PARIS (dpa-AFX) - Der französische Telekomkonzern France Telecom gibt sich selbst mehr Zeit als ursprünglich veranschlagt für den Kauf des schwedisch-finnischen Wettbewerbers TeliaSonera . Die Zwei-Wochen-Periode, in der France Telecom die Skandinavier von ihrer Offerte überzeugen und gegebenenfalls ein bindendes Angebot vorlegen will, sei nur als grober Zeitrahmen und nicht als Ultimatum zu verstehen gewesen, sagte ein France-Telecom-Sprecher am Montag der Nachrichtenagentur AFP.

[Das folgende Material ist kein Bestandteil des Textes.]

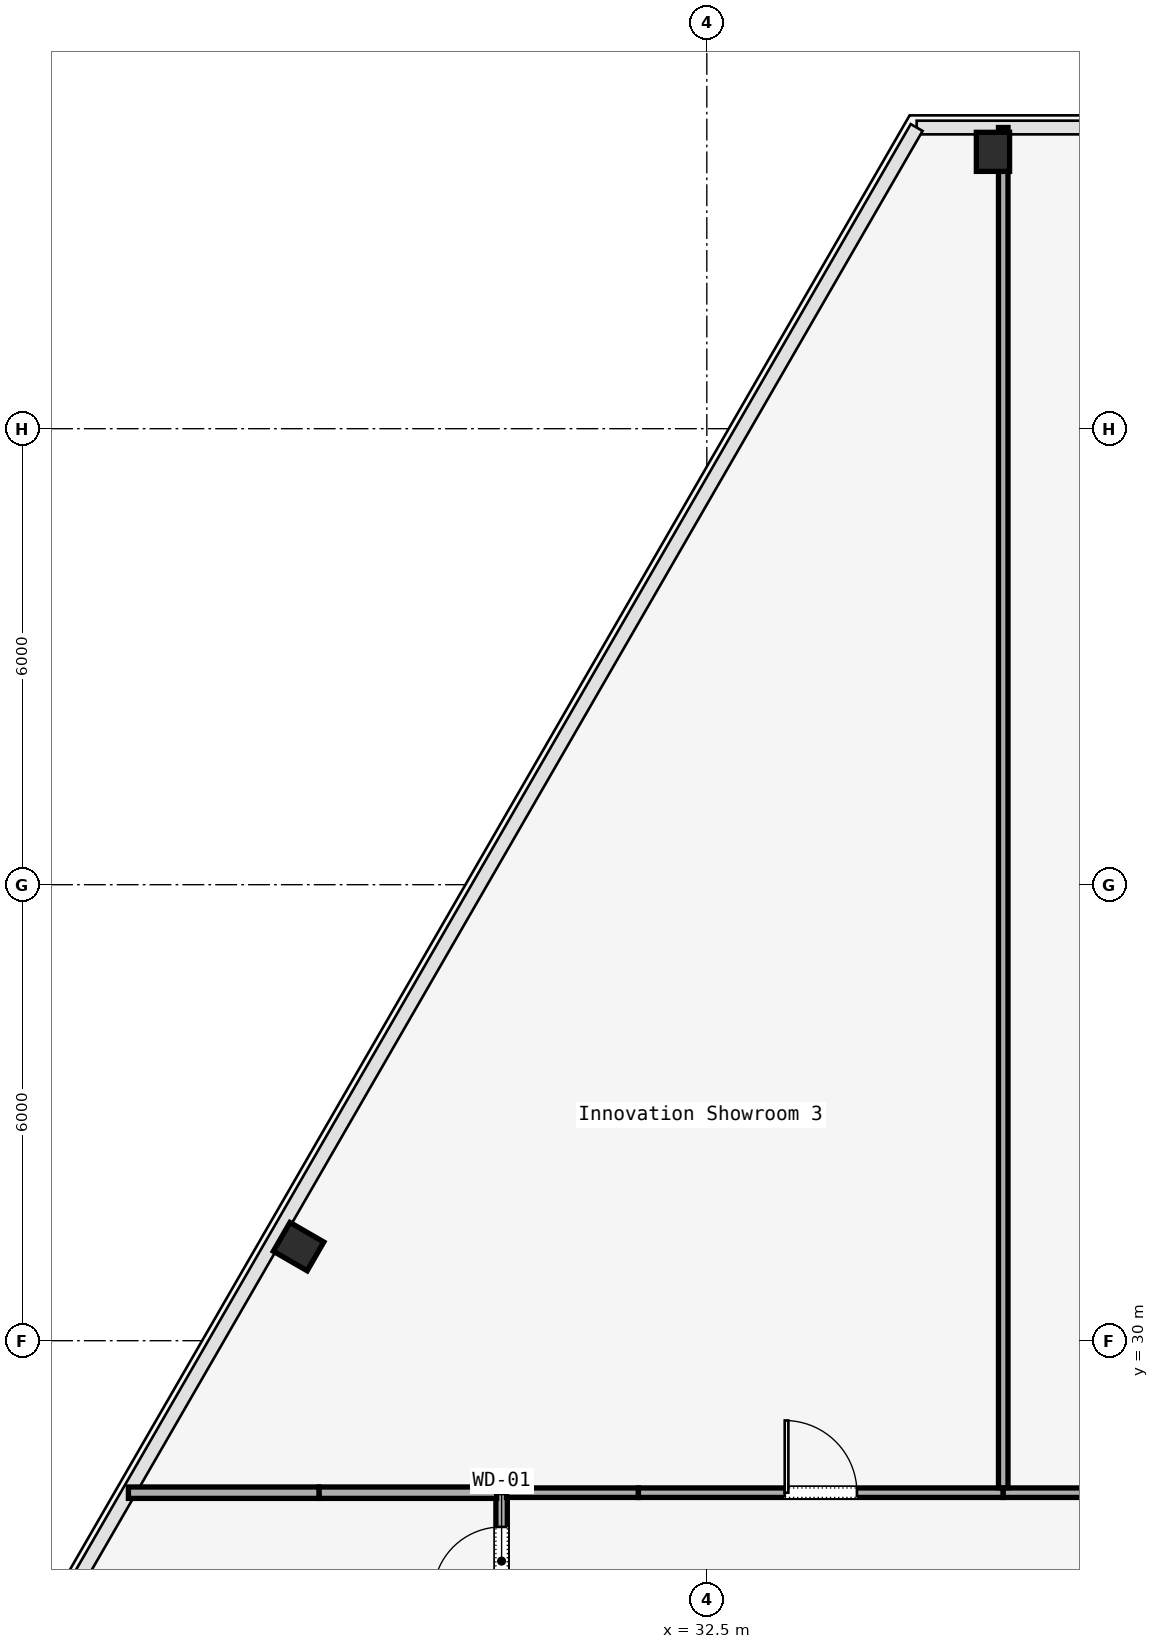
"""IFC4 building model, lengths in metres.
Left out: names, types, materials, properties, quantities, classifications, styles, units other than length and angle.
Written with IfcOpenShell. Run it as: python <this file> out.ifc"""

import sys

from ifc_helpers import new_model, si_unit, direction, frame, frame_2d, origin, origin_2d, place, context, subcontext, project, spatial, rectangle, i_section, extrude, element, fill, save


model = new_model("IFC4")
c1 = context("Model", 3, precision=1e-05, world=origin(), true_north=direction((0.0, 1.0)))
c2 = subcontext(c1, "Body", "Model", "MODEL_VIEW")
j1 = project(units=[si_unit("LENGTHUNIT", "METRE"), si_unit("PLANEANGLEUNIT", "RADIAN")], contexts=[c1])
p1 = place(None, origin())
s1 = spatial("IfcSite", under=j1, at=p1, CompositionType="ELEMENT")
p2 = place(p1, origin())
s2 = spatial("IfcBuilding", under=s1, at=p2, CompositionType="ELEMENT")
p3 = place(p2, frame((0.0, 0.0, 104.4)))
s3 = spatial("IfcBuildingStorey", under=s2, at=p3, CompositionType="ELEMENT", Elevation=104.4)
for number, where, z_axis, x_axis in (
    (1, (36.265, 45.643, 0.0), (0.0, 0.0, 1.0), (1.0, 0.0, 0.0)),
    (2, (27.129, 31.238, 0.0), (0.0, 0.0, 1.0), (0.5, 0.866, 0.0)),
):
    element("IfcColumn", number, at=place(p3, frame(where, z_axis=z_axis, x_axis=x_axis)), inside=s3, PredefinedType="COLUMN", context=c2, shape_type="SweptSolid", body=[
        extrude(i_section(OverallWidth=0.437, OverallDepth=0.514, WebThickness=0.061, FlangeThickness=0.077, FilletRadius=0.015, at=origin_2d()), origin(), (0.0, 0.0, 1.0), 3.58),
    ])
p4 = place(p3, frame((29.8, 26.2, 0.0), z_axis=(0.0, 0.0, 1.0), x_axis=(0.0, 1.0, 0.0)))
e3 = element("IfcWall", 3, at=p4, inside=s3, PredefinedType="PARTITIONING", context=c2, shape_type="SweptSolid", body=[
    extrude(rectangle(XDim=1.8, YDim=0.15, at=frame_2d((0.9, 0.0))), origin(), (0.0, 0.0, 1.0), 2.95),
])
p5 = place(p4, frame((0.45, 0.0, 0.0)))
e4 = element("IfcOpeningElement", 4, at=p5, cuts=e3, PredefinedType="OPENING", context=c2, shape_type="SweptSolid", body=[
    extrude(rectangle(XDim=0.9, YDim=2.15, at=frame_2d((0.45, 1.075))), frame((0.0, 0.075, 0.0), z_axis=(0.0, -1.0, 0.0), x_axis=(1.0, 0.0, 0.0)), (0.0, 0.0, 1.0), 0.15),
])
p6 = place(p3, frame((29.865, 28.0, 0.0), z_axis=(0.0, 0.0, 1.0), x_axis=(1.0, 0.0, 0.0)))
e5 = element("IfcWall", 5, at=p6, inside=s3, PredefinedType="PARTITIONING", context=c2, shape_type="SweptSolid", body=[
    extrude(rectangle(XDim=1.735, YDim=0.125, at=frame_2d((0.868, 0.0))), origin(), (0.0, 0.0, 1.0), 2.95),
])
p7 = place(p3, frame((31.6, 28.0, 0.0), z_axis=(0.0, 0.0, 1.0), x_axis=(1.0, 0.0, 0.0)))
e6 = element("IfcWall", 6, at=p7, inside=s3, PredefinedType="PARTITIONING", context=c2, shape_type="SweptSolid", body=[
    extrude(rectangle(XDim=4.8, YDim=0.125, at=frame_2d((2.4, 0.0))), origin(), (0.0, 0.0, 1.0), 2.95),
])
p8 = place(p7, frame((1.925, 0.0, 0.0)))
e7 = element("IfcOpeningElement", 7, at=p8, cuts=e6, PredefinedType="OPENING", context=c2, shape_type="SweptSolid", body=[
    extrude(rectangle(XDim=0.95, YDim=2.2, at=frame_2d((0.475, 1.1))), frame((0.0, 0.062, 0.0), z_axis=(0.0, -1.0, 0.0), x_axis=(1.0, 0.0, 0.0)), (0.0, 0.0, 1.0), 0.125),
])
p9 = place(p3, frame((36.4, 28.0, 0.0), z_axis=(0.0, 0.0, 1.0), x_axis=(1.0, 0.0, 0.0)))
e8 = element("IfcWall", 8, at=p9, inside=s3, PredefinedType="PARTITIONING", context=c2, shape_type="SweptSolid", body=[
    extrude(rectangle(XDim=5.07, YDim=0.125, at=frame_2d((2.535, 0.0))), origin(), (0.0, 0.0, 1.0), 2.95),
])
p10 = place(p9, frame((2.06, 0.0, 0.0)))
e9 = element("IfcOpeningElement", 9, at=p10, cuts=e8, PredefinedType="OPENING", context=c2, shape_type="SweptSolid", body=[
    extrude(rectangle(XDim=0.95, YDim=2.2, at=frame_2d((0.475, 1.1))), frame((0.0, 0.062, 0.0), z_axis=(0.0, -1.0, 0.0), x_axis=(1.0, 0.0, 0.0)), (0.0, 0.0, 1.0), 0.125),
])
p11 = place(p3, frame((24.89, 28.0, 0.0), z_axis=(0.0, 0.0, 1.0), x_axis=(1.0, 0.0, 0.0)))
e10 = element("IfcWall", 10, at=p11, inside=s3, PredefinedType="PARTITIONING", context=c2, shape_type="SweptSolid", body=[
    extrude(rectangle(XDim=2.51, YDim=0.15, at=frame_2d((1.255, 0.0))), origin(), (0.0, 0.0, 1.0), 2.95),
])
p12 = place(p3, frame((27.4, 28.0, 0.0), z_axis=(0.0, 0.0, 1.0), x_axis=(1.0, 0.0, 0.0)))
e11 = element("IfcWall", 11, at=p12, inside=s3, PredefinedType="PARTITIONING", context=c2, shape_type="SweptSolid", body=[
    extrude(rectangle(XDim=2.335, YDim=0.15, at=frame_2d((1.167, 0.0))), origin(), (0.0, 0.0, 1.0), 2.95),
])
p13 = place(p3, frame((36.4, 45.963, 0.0), z_axis=(0.0, 0.0, 1.0), x_axis=(0.0, -1.0, 0.0)))
e12 = element("IfcWall", 12, at=p13, inside=s3, PredefinedType="PARTITIONING", context=c2, shape_type="SweptSolid", body=[
    extrude(rectangle(XDim=17.898, YDim=0.125, at=frame_2d((8.949, 0.0))), origin(), (0.0, 0.0, 1.0), 2.95),
])
p14 = place(p5, origin())
e13 = element("IfcDoor", 13, at=p14, inside=s3, OperationType="SINGLE_SWING_RIGHT", PredefinedType="DOOR", context=c2, shape_type="SweptSolid", body=[
    extrude(rectangle(XDim=0.9, YDim=2.15, at=frame_2d((0.45, 1.075))), frame((0.0, 0.025, 0.0), z_axis=(0.0, -1.0, 0.0), x_axis=(1.0, 0.0, 0.0)), (0.0, 0.0, 1.0), 0.05),
])
fill(e4, e13)
p15 = place(p8, origin())
e14 = element("IfcDoor", 14, at=p15, inside=s3, OperationType="SINGLE_SWING_RIGHT", PredefinedType="DOOR", context=c2, shape_type="SweptSolid", body=[
    extrude(rectangle(XDim=0.95, YDim=2.2, at=frame_2d((0.475, 1.1))), frame((0.0, 0.025, 0.0), z_axis=(0.0, -1.0, 0.0), x_axis=(1.0, 0.0, 0.0)), (0.0, 0.0, 1.0), 0.05),
])
fill(e7, e14)
save(model, sys.argv[1])

France Telecom hatte am 5. Juni die Kaufpläne bekanntgegeben, aber betont, dass nur eine freundliche Übernahme in Frage käme. Etwas anderes bleibt den Franzosen auch nicht übrig, hält doch der schwedische Staat 37,3 Prozent und der finnische 13,7 Prozent. Der Verwaltungsrat von TeliaSonera und Anteilseigner Schweden haben das 27,2 Milliarden schwere Angebot als zu niedrig zurückgewiesen.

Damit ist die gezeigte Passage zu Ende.